Morning and all is well along Alligator Creek

I've been doing a lot of obits these last few days so I thought I'd better sweeten it up around here with some happy things. So, this morning Sonny is out in the screen porch running it down to his mom about everything from "bingo to food allowances, calories, getting his own room at a motel, something that's sixteen dollars a day (probably the motel room), roller derbys, how a man can't live like that, taking showers outside from a bucket, carrying water down from the neighbors, what if the pipe breaks?, living in a trailer, how you need water for the toilet, how when you flush it it needs to go out" and on and on.

Sonny's been coming and going a lot lately and I was getting worried that he might have a job or a girlfriend or something like that so today is very comforting that he spent the morning ranting in the screen porch although he did just say something about "going out there" and "work" so let's hope he's not talking about himself. I know. I'm weird but hey. Some things should stay the same, at least for now.

So, we're off to the beach for a walk. M. Lee is currently training to do a solo century, which is a long long long lonely bike ride, maybe eight hours or more in the saddle. I am impressed but it makes my back hurt thinking about it. I did go to the gym yesterday though. Anyway, yesterday he ground out 75 miles so today we are going for a cool down, in 90° heat. In fact, he just came to the sliding glass door of the screen porch and gave me "the look" so gotta go. Pardon me. No time to edit. This is a post n go.

04/06/2014

Notes from the porch

Life here along Alligator Creek can be deceptively simple. Days have a rhythm unlike other places we stay. It's an end of the road thing, days marked by sunrise and sunset, rather than the human impositions that generally mark time. And so, a week plus in, and I have hardly done a thing. Again, I am sitting in the screen porch, birds are chirping, Swami and Minerva are here also enjoying the light as it works its daily way through the fronds of Frida Kahlo pineapple palm. And, new to the troop, Molly McGee is also here enjoying the morning.

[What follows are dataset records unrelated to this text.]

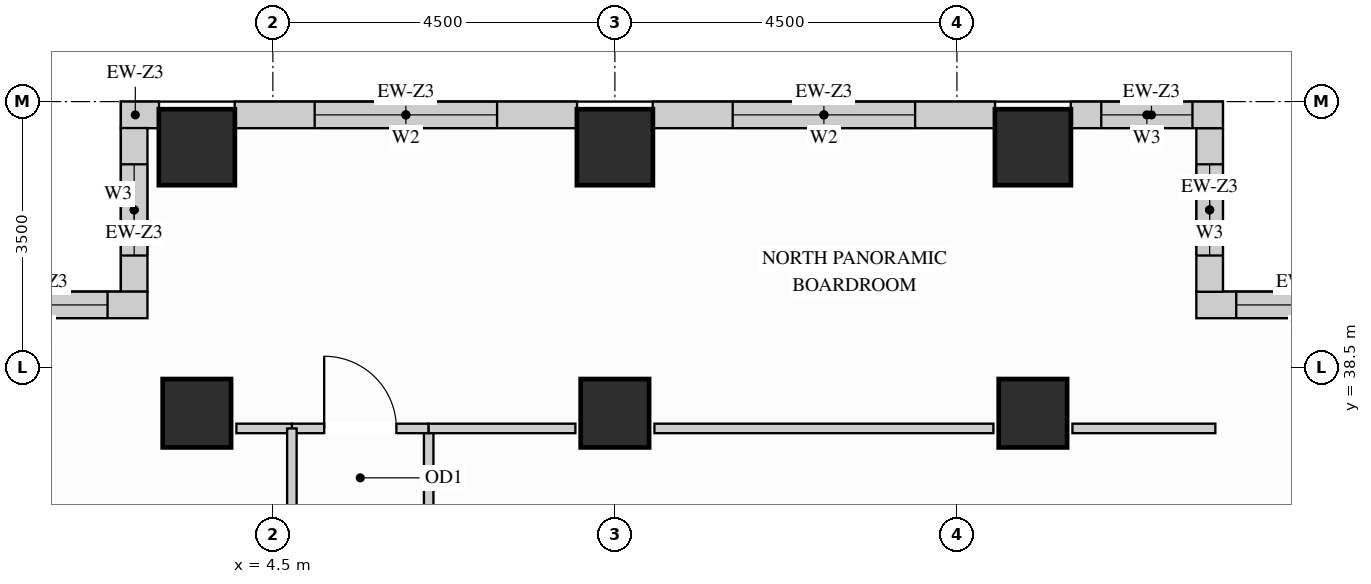
"""IFC4 building model, lengths in metres.
Left out: names, types, materials, properties, quantities, classifications, styles, units other than length and angle.
Written with IfcOpenShell. Run it as: python <this file> out.ifc"""

import sys

from ifc_helpers import new_model, si_unit, direction, frame, frame_2d, origin, origin_2d, place, context, subcontext, project, spatial, rectangle, extrude, source, transform, mapped, element, fill, save


model = new_model("IFC4")
c1 = context("Model", 3, precision=1e-05, world=origin(), true_north=direction((0.0, 1.0)))
c2 = subcontext(c1, "Body", "Model", "MODEL_VIEW")
j1 = project(units=[si_unit("LENGTHUNIT", "METRE"), si_unit("PLANEANGLEUNIT", "RADIAN")], contexts=[c1])
p1 = place(None, origin())
s1 = spatial("IfcSite", under=j1, at=p1, CompositionType="ELEMENT")
p2 = place(p1, origin())
s2 = spatial("IfcBuilding", under=s1, at=p2, CompositionType="ELEMENT")
p3 = place(p2, frame((0.0, 0.0, 189.9)))
s3 = spatial("IfcBuildingStorey", under=s2, at=p3, CompositionType="ELEMENT", Elevation=189.9)
m1 = source(origin(), c2, "Body", "SweptSolid", [
    extrude(rectangle(XDim=0.9, YDim=0.9, at=origin_2d()), origin(), (0.0, 0.0, 1.0), 3.4),
])
for number, where, z_axis, x_axis in (
    (1, (14.5, 37.9, 0.0), (0.0, 0.0, 1.0), (1.0, 0.0, 0.0)),
    (2, (3.5, 37.9, 0.0), (0.0, 0.0, 1.0), (1.0, 0.0, 0.0)),
    (3, (9.0, 37.9, 0.0), (0.0, 0.0, 1.0), (1.0, 0.0, 0.0)),
):
    element("IfcColumn", number, at=place(p3, frame(where, z_axis=z_axis, x_axis=x_axis)), inside=s3, PredefinedType="COLUMN", context=c2, shape_type="MappedRepresentation", body=[
        mapped(m1, transform((0.0, 0.0, 0.0), x_axis=(1.0, 0.0, 0.0), y_axis=(0.0, 1.0, 0.0), z_axis=(0.0, 0.0, 1.0))),
    ])
m2 = source(origin(), c2, "Body", "SweptSolid", [
    extrude(rectangle(XDim=1.0, YDim=1.0, at=origin_2d()), origin(), (0.0, 0.0, 1.0), 3.4),
])
for number, where, z_axis, x_axis in (
    (4, (14.5, 41.4, 0.0), (0.0, 0.0, 1.0), (1.0, 0.0, 0.0)),
    (5, (3.5, 41.4, 0.0), (0.0, 0.0, 1.0), (1.0, 0.0, 0.0)),
    (6, (9.0, 41.4, 0.0), (0.0, 0.0, 1.0), (1.0, 0.0, 0.0)),
):
    element("IfcColumn", number, at=place(p3, frame(where, z_axis=z_axis, x_axis=x_axis)), inside=s3, PredefinedType="COLUMN", context=c2, shape_type="MappedRepresentation", body=[
        mapped(m2, transform((0.0, 0.0, 0.0), x_axis=(1.0, 0.0, 0.0), y_axis=(0.0, 1.0, 0.0), z_axis=(0.0, 0.0, 1.0))),
    ])
p4 = place(p3, frame((19.5, 39.325, 0.0), z_axis=(0.0, 0.0, 1.0), x_axis=(-1.0, 0.0, 0.0)))
e7 = element("IfcWall", 7, at=p4, inside=s3, PredefinedType="SOLIDWALL", context=c2, shape_type="SweptSolid", body=[
    extrude(rectangle(XDim=2.85, YDim=0.35, at=frame_2d((1.425, 0.0))), origin(), (0.0, 0.0, 1.0), 3.385),
])
p5 = place(p4, frame((0.525, 0.0, 0.78)))
e8 = element("IfcOpeningElement", 8, at=p5, cuts=e7, PredefinedType="OPENING", context=c2, shape_type="SweptSolid", body=[
    extrude(rectangle(XDim=1.8, YDim=2.1, at=frame_2d((0.9, 1.05))), frame((0.0, 0.185, 0.0), z_axis=(0.0, -1.0, 0.0), x_axis=(1.0, 0.0, 0.0)), (0.0, 0.0, 1.0), 0.37),
])
p6 = place(p3, frame((16.825, 39.498, 0.0), z_axis=(0.0, 0.0, 1.0), x_axis=(0.0, 1.0, 0.0)))
e9 = element("IfcWall", 9, at=p6, inside=s3, PredefinedType="SOLIDWALL", context=c2, shape_type="SweptSolid", body=[
    extrude(rectangle(XDim=2.154, YDim=0.35, at=frame_2d((1.077, 0.0))), origin(), (0.0, 0.0, 1.0), 3.385),
])
p7 = place(p6, frame((0.477, 0.0, 0.78)))
e10 = element("IfcOpeningElement", 10, at=p7, cuts=e9, PredefinedType="OPENING", context=c2, shape_type="SweptSolid", body=[
    extrude(rectangle(XDim=1.2, YDim=2.1, at=frame_2d((0.6, 1.05))), frame((0.0, 0.185, 0.0), z_axis=(0.0, -1.0, 0.0), x_axis=(1.0, 0.0, 0.0)), (0.0, 0.0, 1.0), 0.37),
])
p8 = place(p3, frame((17.0, 41.825, 0.0), z_axis=(0.0, 0.0, 1.0), x_axis=(-1.0, 0.0, 0.0)))
e11 = element("IfcWall", 11, at=p8, inside=s3, PredefinedType="SOLIDWALL", context=c2, shape_type="SweptSolid", body=[
    extrude(rectangle(XDim=2.002, YDim=0.35, at=frame_2d((1.001, 0.0))), origin(), (0.0, 0.0, 1.0), 3.385),
])
p9 = place(p8, frame((0.401, 0.0, 0.78)))
e12 = element("IfcOpeningElement", 12, at=p9, cuts=e11, PredefinedType="OPENING", context=c2, shape_type="SweptSolid", body=[
    extrude(rectangle(XDim=1.2, YDim=2.1, at=frame_2d((0.6, 1.05))), frame((0.0, 0.185, 0.0), z_axis=(0.0, -1.0, 0.0), x_axis=(1.0, 0.0, 0.0)), (0.0, 0.0, 1.0), 0.37),
])
p10 = place(p3, frame((14.002, 41.825, 0.0), z_axis=(0.0, 0.0, 1.0), x_axis=(-1.0, 0.0, 0.0)))
e13 = element("IfcWall", 13, at=p10, inside=s3, PredefinedType="SOLIDWALL", context=c2, shape_type="SweptSolid", body=[
    extrude(rectangle(XDim=4.504, YDim=0.35, at=frame_2d((2.252, 0.0))), origin(), (0.0, 0.0, 1.0), 2.612),
])
p11 = place(p10, frame((1.052, 0.0, 0.78)))
e14 = element("IfcOpeningElement", 14, at=p11, cuts=e13, PredefinedType="OPENING", context=c2, shape_type="SweptSolid", body=[
    extrude(rectangle(XDim=2.4, YDim=1.652, at=frame_2d((1.2, 0.826))), frame((0.0, 0.185, 0.0), z_axis=(0.0, -1.0, 0.0), x_axis=(1.0, 0.0, 0.0)), (0.0, 0.0, 1.0), 0.37),
])
p12 = place(p3, frame((8.502, 41.825, 0.0), z_axis=(0.0, 0.0, 1.0), x_axis=(-1.0, 0.0, 0.0)))
e15 = element("IfcWall", 15, at=p12, inside=s3, PredefinedType="SOLIDWALL", context=c2, shape_type="SweptSolid", body=[
    extrude(rectangle(XDim=4.504, YDim=0.35, at=frame_2d((2.252, 0.0))), origin(), (0.0, 0.0, 1.0), 2.612),
])
p13 = place(p12, frame((1.052, 0.0, 0.78)))
e16 = element("IfcOpeningElement", 16, at=p13, cuts=e15, PredefinedType="OPENING", context=c2, shape_type="SweptSolid", body=[
    extrude(rectangle(XDim=2.4, YDim=1.652, at=frame_2d((1.2, 0.826))), frame((0.0, 0.185, 0.0), z_axis=(0.0, -1.0, 0.0), x_axis=(1.0, 0.0, 0.0)), (0.0, 0.0, 1.0), 0.37),
])
m3 = source(origin(), c2, "Body", "SweptSolid", [
    extrude(rectangle(XDim=0.502, YDim=0.35, at=frame_2d((0.251, 0.0))), origin(), (0.0, 0.0, 1.0), 3.385),
])
p14 = place(p3, frame((3.002, 41.825, 0.0), z_axis=(0.0, 0.0, 1.0), x_axis=(-1.0, 0.0, 0.0)))
e17 = element("IfcWall", 17, at=p14, inside=s3, PredefinedType="SOLIDWALL", context=c2, shape_type="MappedRepresentation", body=[
    mapped(m3, transform((0.0, 0.0, 0.0), x_axis=(1.0, 0.0, 0.0), y_axis=(0.0, 1.0, 0.0), z_axis=(0.0, 0.0, 1.0))),
])
p15 = place(p3, frame((2.675, 41.652, 0.0), z_axis=(0.0, 0.0, 1.0), x_axis=(0.0, -1.0, 0.0)))
e18 = element("IfcWall", 18, at=p15, inside=s3, PredefinedType="SOLIDWALL", context=c2, shape_type="SweptSolid", body=[
    extrude(rectangle(XDim=2.154, YDim=0.35, at=frame_2d((1.077, 0.0))), origin(), (0.0, 0.0, 1.0), 3.385),
])
p16 = place(p15, frame((0.477, 0.0, 0.78)))
e19 = element("IfcOpeningElement", 19, at=p16, cuts=e18, PredefinedType="OPENING", context=c2, shape_type="SweptSolid", body=[
    extrude(rectangle(XDim=1.2, YDim=2.1, at=frame_2d((0.6, 1.05))), frame((0.0, 0.185, 0.0), z_axis=(0.0, -1.0, 0.0), x_axis=(1.0, 0.0, 0.0)), (0.0, 0.0, 1.0), 0.37),
])
p17 = place(p3, frame((2.85, 39.325, 0.0), z_axis=(0.0, 0.0, 1.0), x_axis=(-1.0, 0.0, 0.0)))
e20 = element("IfcWall", 20, at=p17, inside=s3, PredefinedType="SOLIDWALL", context=c2, shape_type="SweptSolid", body=[
    extrude(rectangle(XDim=2.85, YDim=0.35, at=frame_2d((1.425, 0.0))), origin(), (0.0, 0.0, 1.0), 3.385),
])
p18 = place(p17, frame((0.525, 0.0, 0.78)))
e21 = element("IfcOpeningElement", 21, at=p18, cuts=e20, PredefinedType="OPENING", context=c2, shape_type="SweptSolid", body=[
    extrude(rectangle(XDim=1.8, YDim=2.1, at=frame_2d((0.9, 1.05))), frame((0.0, 0.185, 0.0), z_axis=(0.0, -1.0, 0.0), x_axis=(1.0, 0.0, 0.0)), (0.0, 0.0, 1.0), 0.37),
])
p19 = place(p3, frame((6.55, 34.625, 0.0), z_axis=(0.0, 0.0, 1.0), x_axis=(0.0, 1.0, 0.0)))
e22 = element("IfcWall", 22, at=p19, inside=s3, PredefinedType="PARTITIONING", context=c2, shape_type="SweptSolid", body=[
    extrude(rectangle(XDim=3.075, YDim=0.125, at=frame_2d((1.538, 0.0))), origin(), (0.0, 0.0, 1.0), 3.385),
])
p20 = place(p19, frame((1.062, 0.0, 0.0)))
e23 = element("IfcOpeningElement", 23, at=p20, cuts=e22, PredefinedType="OPENING", context=c2, shape_type="SweptSolid", body=[
    extrude(rectangle(XDim=0.95, YDim=2.15, at=frame_2d((0.475, 1.075))), frame((0.0, 0.073, 0.0), z_axis=(0.0, -1.0, 0.0), x_axis=(1.0, 0.0, 0.0)), (0.0, 0.0, 1.0), 0.145),
])
p21 = place(p3, frame((4.75, 37.7, 0.0), z_axis=(0.0, 0.0, 1.0), x_axis=(1.0, 0.0, 0.0)))
e24 = element("IfcWall", 24, at=p21, inside=s3, PredefinedType="PARTITIONING", context=c2, shape_type="SweptSolid", body=[
    extrude(rectangle(XDim=1.8, YDim=0.125, at=frame_2d((0.9, 0.0))), origin(), (0.0, 0.0, 1.0), 2.773),
])
p22 = place(p21, frame((0.425, 0.0, 0.0)))
e25 = element("IfcOpeningElement", 25, at=p22, cuts=e24, PredefinedType="OPENING", context=c2, shape_type="SweptSolid", body=[
    extrude(rectangle(XDim=0.95, YDim=2.15, at=frame_2d((0.475, 1.075))), frame((0.0, 0.073, 0.0), z_axis=(0.0, -1.0, 0.0), x_axis=(1.0, 0.0, 0.0)), (0.0, 0.0, 1.0), 0.145),
])
m4 = source(origin(), c2, "Body", "SweptSolid", [
    extrude(rectangle(XDim=1.93, YDim=0.125, at=frame_2d((0.965, 0.0))), origin(), (0.0, 0.0, 1.0), 2.773),
])
p23 = place(p3, frame((6.55, 37.7, 0.0), z_axis=(0.0, 0.0, 1.0), x_axis=(1.0, 0.0, 0.0)))
e26 = element("IfcWall", 26, at=p23, inside=s3, PredefinedType="PARTITIONING", context=c2, shape_type="MappedRepresentation", body=[
    mapped(m4, transform((0.0, 0.0, 0.0), x_axis=(1.0, 0.0, 0.0), y_axis=(0.0, 1.0, 0.0), z_axis=(0.0, 0.0, 1.0))),
])
m5 = source(origin(), c2, "Body", "SweptSolid", [
    extrude(rectangle(XDim=4.46, YDim=0.125, at=frame_2d((2.23, 0.0))), origin(), (0.0, 0.0, 1.0), 2.773),
])
p24 = place(p3, frame((9.52, 37.7, 0.0), z_axis=(0.0, 0.0, 1.0), x_axis=(1.0, 0.0, 0.0)))
e27 = element("IfcWall", 27, at=p24, inside=s3, PredefinedType="PARTITIONING", context=c2, shape_type="MappedRepresentation", body=[
    mapped(m5, transform((0.0, 0.0, 0.0), x_axis=(1.0, 0.0, 0.0), y_axis=(0.0, 1.0, 0.0), z_axis=(0.0, 0.0, 1.0))),
])
m6 = source(origin(), c2, "Body", "SweptSolid", [
    extrude(rectangle(XDim=1.88, YDim=0.125, at=frame_2d((0.94, 0.0))), origin(), (0.0, 0.0, 1.0), 2.773),
])
p25 = place(p3, frame((15.02, 37.7, 0.0), z_axis=(0.0, 0.0, 1.0), x_axis=(1.0, 0.0, 0.0)))
e28 = element("IfcWall", 28, at=p25, inside=s3, PredefinedType="PARTITIONING", context=c2, shape_type="MappedRepresentation", body=[
    mapped(m6, transform((0.0, 0.0, 0.0), x_axis=(1.0, 0.0, 0.0), y_axis=(0.0, 1.0, 0.0), z_axis=(0.0, 0.0, 1.0))),
])
m7 = source(origin(), c2, "Body", "SweptSolid", [
    extrude(rectangle(XDim=0.73, YDim=0.125, at=frame_2d((0.365, 0.0))), origin(), (0.0, 0.0, 1.0), 2.773),
])
p26 = place(p3, frame((4.02, 37.7, 0.0), z_axis=(0.0, 0.0, 1.0), x_axis=(1.0, 0.0, 0.0)))
e29 = element("IfcWall", 29, at=p26, inside=s3, PredefinedType="PARTITIONING", context=c2, shape_type="MappedRepresentation", body=[
    mapped(m7, transform((0.0, 0.0, 0.0), x_axis=(1.0, 0.0, 0.0), y_axis=(0.0, 1.0, 0.0), z_axis=(0.0, 0.0, 1.0))),
])
p27 = place(p3, frame((4.75, 34.625, 0.0), z_axis=(0.0, 0.0, 1.0), x_axis=(0.0, 1.0, 0.0)))
e30 = element("IfcWall", 30, at=p27, inside=s3, PredefinedType="PARTITIONING", context=c2, shape_type="SweptSolid", body=[
    extrude(rectangle(XDim=3.075, YDim=0.125, at=frame_2d((1.538, 0.0))), origin(), (0.0, 0.0, 1.0), 3.385),
])
p28 = place(p27, frame((1.062, 0.0, 0.0)))
e31 = element("IfcOpeningElement", 31, at=p28, cuts=e30, PredefinedType="OPENING", context=c2, shape_type="SweptSolid", body=[
    extrude(rectangle(XDim=0.95, YDim=2.15, at=frame_2d((0.475, 1.075))), frame((0.0, 0.073, 0.0), z_axis=(0.0, -1.0, 0.0), x_axis=(1.0, 0.0, 0.0)), (0.0, 0.0, 1.0), 0.145),
])
m8 = source(origin(), c2, "Body", "SweptSolid", [
    extrude(rectangle(XDim=0.95, YDim=2.15, at=frame_2d((0.475, 1.075))), frame((0.0, 0.025, 0.0), z_axis=(0.0, -1.0, 0.0), x_axis=(1.0, 0.0, 0.0)), (0.0, 0.0, 1.0), 0.05),
])
p29 = place(p22, origin())
e32 = element("IfcDoor", 32, at=p29, inside=s3, OperationType="SINGLE_SWING_LEFT", PredefinedType="DOOR", context=c2, shape_type="MappedRepresentation", body=[
    mapped(m8, transform((0.0, 0.0, 0.0), x_axis=(1.0, 0.0, 0.0), y_axis=(0.0, 1.0, 0.0), z_axis=(0.0, 0.0, 1.0))),
])
fill(e25, e32)
m9 = source(origin(), c2, "Body", "SweptSolid", [
    extrude(rectangle(XDim=1.8, YDim=2.1, at=frame_2d((0.9, 1.05))), frame((0.0, 0.03, 0.0), z_axis=(0.0, -1.0, 0.0), x_axis=(1.0, 0.0, 0.0)), (0.0, 0.0, 1.0), 0.06),
])
p30 = place(p5, origin())
e33 = element("IfcWindow", 33, at=p30, inside=s3, PartitioningType="SINGLE_PANEL", PredefinedType="WINDOW", context=c2, shape_type="MappedRepresentation", body=[
    mapped(m9, transform((0.0, 0.0, 0.0), x_axis=(1.0, 0.0, 0.0), y_axis=(0.0, 1.0, 0.0), z_axis=(0.0, 0.0, 1.0))),
])
fill(e8, e33)
p31 = place(p18, origin())
e34 = element("IfcWindow", 34, at=p31, inside=s3, PartitioningType="SINGLE_PANEL", PredefinedType="WINDOW", context=c2, shape_type="MappedRepresentation", body=[
    mapped(m9, transform((0.0, 0.0, 0.0), x_axis=(1.0, 0.0, 0.0), y_axis=(0.0, 1.0, 0.0), z_axis=(0.0, 0.0, 1.0))),
])
fill(e21, e34)
m10 = source(origin(), c2, "Body", "SweptSolid", [
    extrude(rectangle(XDim=2.4, YDim=1.652, at=frame_2d((1.2, 0.826))), frame((0.0, 0.03, 0.0), z_axis=(0.0, -1.0, 0.0), x_axis=(1.0, 0.0, 0.0)), (0.0, 0.0, 1.0), 0.06),
])
p32 = place(p11, origin())
e35 = element("IfcWindow", 35, at=p32, inside=s3, PartitioningType="SINGLE_PANEL", PredefinedType="WINDOW", context=c2, shape_type="MappedRepresentation", body=[
    mapped(m10, transform((0.0, 0.0, 0.0), x_axis=(1.0, 0.0, 0.0), y_axis=(0.0, 1.0, 0.0), z_axis=(0.0, 0.0, 1.0))),
])
fill(e14, e35)
p33 = place(p13, origin())
e36 = element("IfcWindow", 36, at=p33, inside=s3, PartitioningType="SINGLE_PANEL", PredefinedType="WINDOW", context=c2, shape_type="MappedRepresentation", body=[
    mapped(m10, transform((0.0, 0.0, 0.0), x_axis=(1.0, 0.0, 0.0), y_axis=(0.0, 1.0, 0.0), z_axis=(0.0, 0.0, 1.0))),
])
fill(e16, e36)
m11 = source(origin(), c2, "Body", "SweptSolid", [
    extrude(rectangle(XDim=1.2, YDim=2.1, at=frame_2d((0.6, 1.05))), frame((0.0, 0.03, 0.0), z_axis=(0.0, -1.0, 0.0), x_axis=(1.0, 0.0, 0.0)), (0.0, 0.0, 1.0), 0.06),
])
p34 = place(p7, origin())
e37 = element("IfcWindow", 37, at=p34, inside=s3, PartitioningType="SINGLE_PANEL", PredefinedType="WINDOW", context=c2, shape_type="MappedRepresentation", body=[
    mapped(m11, transform((0.0, 0.0, 0.0), x_axis=(1.0, 0.0, 0.0), y_axis=(0.0, 1.0, 0.0), z_axis=(0.0, 0.0, 1.0))),
])
fill(e10, e37)
p35 = place(p9, origin())
e38 = element("IfcWindow", 38, at=p35, inside=s3, PartitioningType="SINGLE_PANEL", PredefinedType="WINDOW", context=c2, shape_type="MappedRepresentation", body=[
    mapped(m11, transform((0.0, 0.0, 0.0), x_axis=(1.0, 0.0, 0.0), y_axis=(0.0, 1.0, 0.0), z_axis=(0.0, 0.0, 1.0))),
])
fill(e12, e38)
p36 = place(p16, origin())
e39 = element("IfcWindow", 39, at=p36, inside=s3, PartitioningType="SINGLE_PANEL", PredefinedType="WINDOW", context=c2, shape_type="MappedRepresentation", body=[
    mapped(m11, transform((0.0, 0.0, 0.0), x_axis=(1.0, 0.0, 0.0), y_axis=(0.0, 1.0, 0.0), z_axis=(0.0, 0.0, 1.0))),
])
fill(e19, e39)
save(model, sys.argv[1])

I haven't talked about Molly before although she appears in a couple of the photos I posted of our cross-country drive, not here but on instagram. But more about her later. I'm still sorting that one out myself. So. The day is far too begun. M. Lee is on a bike ride and I need to get out of here before he gets back. Otherwise, I will really feel like a slob.

28/05/2014

Sonny morning

Sonny was in fine form today though, at this point, his morning screen porch screed has burned down to a mumbling amid the trilling, twittering and whistling of the birds. Pops is out working in the yard. He is skinnier than ever and probably more fit. I think he's the one who put our mailbox door back in the box yesterday. It's been broken forever. I tried taping it last time we were here but it didn't stick. Maybe this year, I will actually spring for a new box, if they don't cost too much.

It's day three here along Alligator Creek, or at least I think it is. I've lost count. The only thing that's missing now is the squirrels. Frida's daughter did show up but hasn't checked today. She needs her own name, perhaps that of a Mexican poet. It will be a chance for me get acquainted with writers I don't know because, of course, this will require extensive research.

26/05/2014

Literary road dogs and Alligator Creek

Sunday - last day - Georgia to Florida

Forget Kerouac and Cassady. Perhaps, they were never really all that anyway. For this five day drive from Portland, Oregon to Florida's gulf coast, Rilke, Odysseus Elytis, Roy DeG., Galway Kinnell and Billy Collins have been our literary traveling companions. I should say Billy McCollins because, for all his admittedly delightful surprise poetic twist endings, and being a former Poet Laureate of the United States, Billy really is the Rod McKuen of the hour. Sorry Billy, but you know it's true. Anyway, their company has been, in turns, painful (Billy's same-ie sameness), lofty (Odysseus's romantic Greek modernism), electrifying (Rilke), heartbreaking (Galway) and delightful (Roy DeG.).

M. Lee, Roy DeG. & me in K.C.

When we got to Florida we turned off I-75 to gas up and found ourselves in an alternate Elmore Leonard universe and stopping at the Sarasota Trader Joe's we entered the alternate universe of "ageless" women sporting every implant known to modern and primitive man plus some double, perhaps triple, implants and lifts known only to aliens and Jersey surgeons before which we could only stand in jaw-dropped awe.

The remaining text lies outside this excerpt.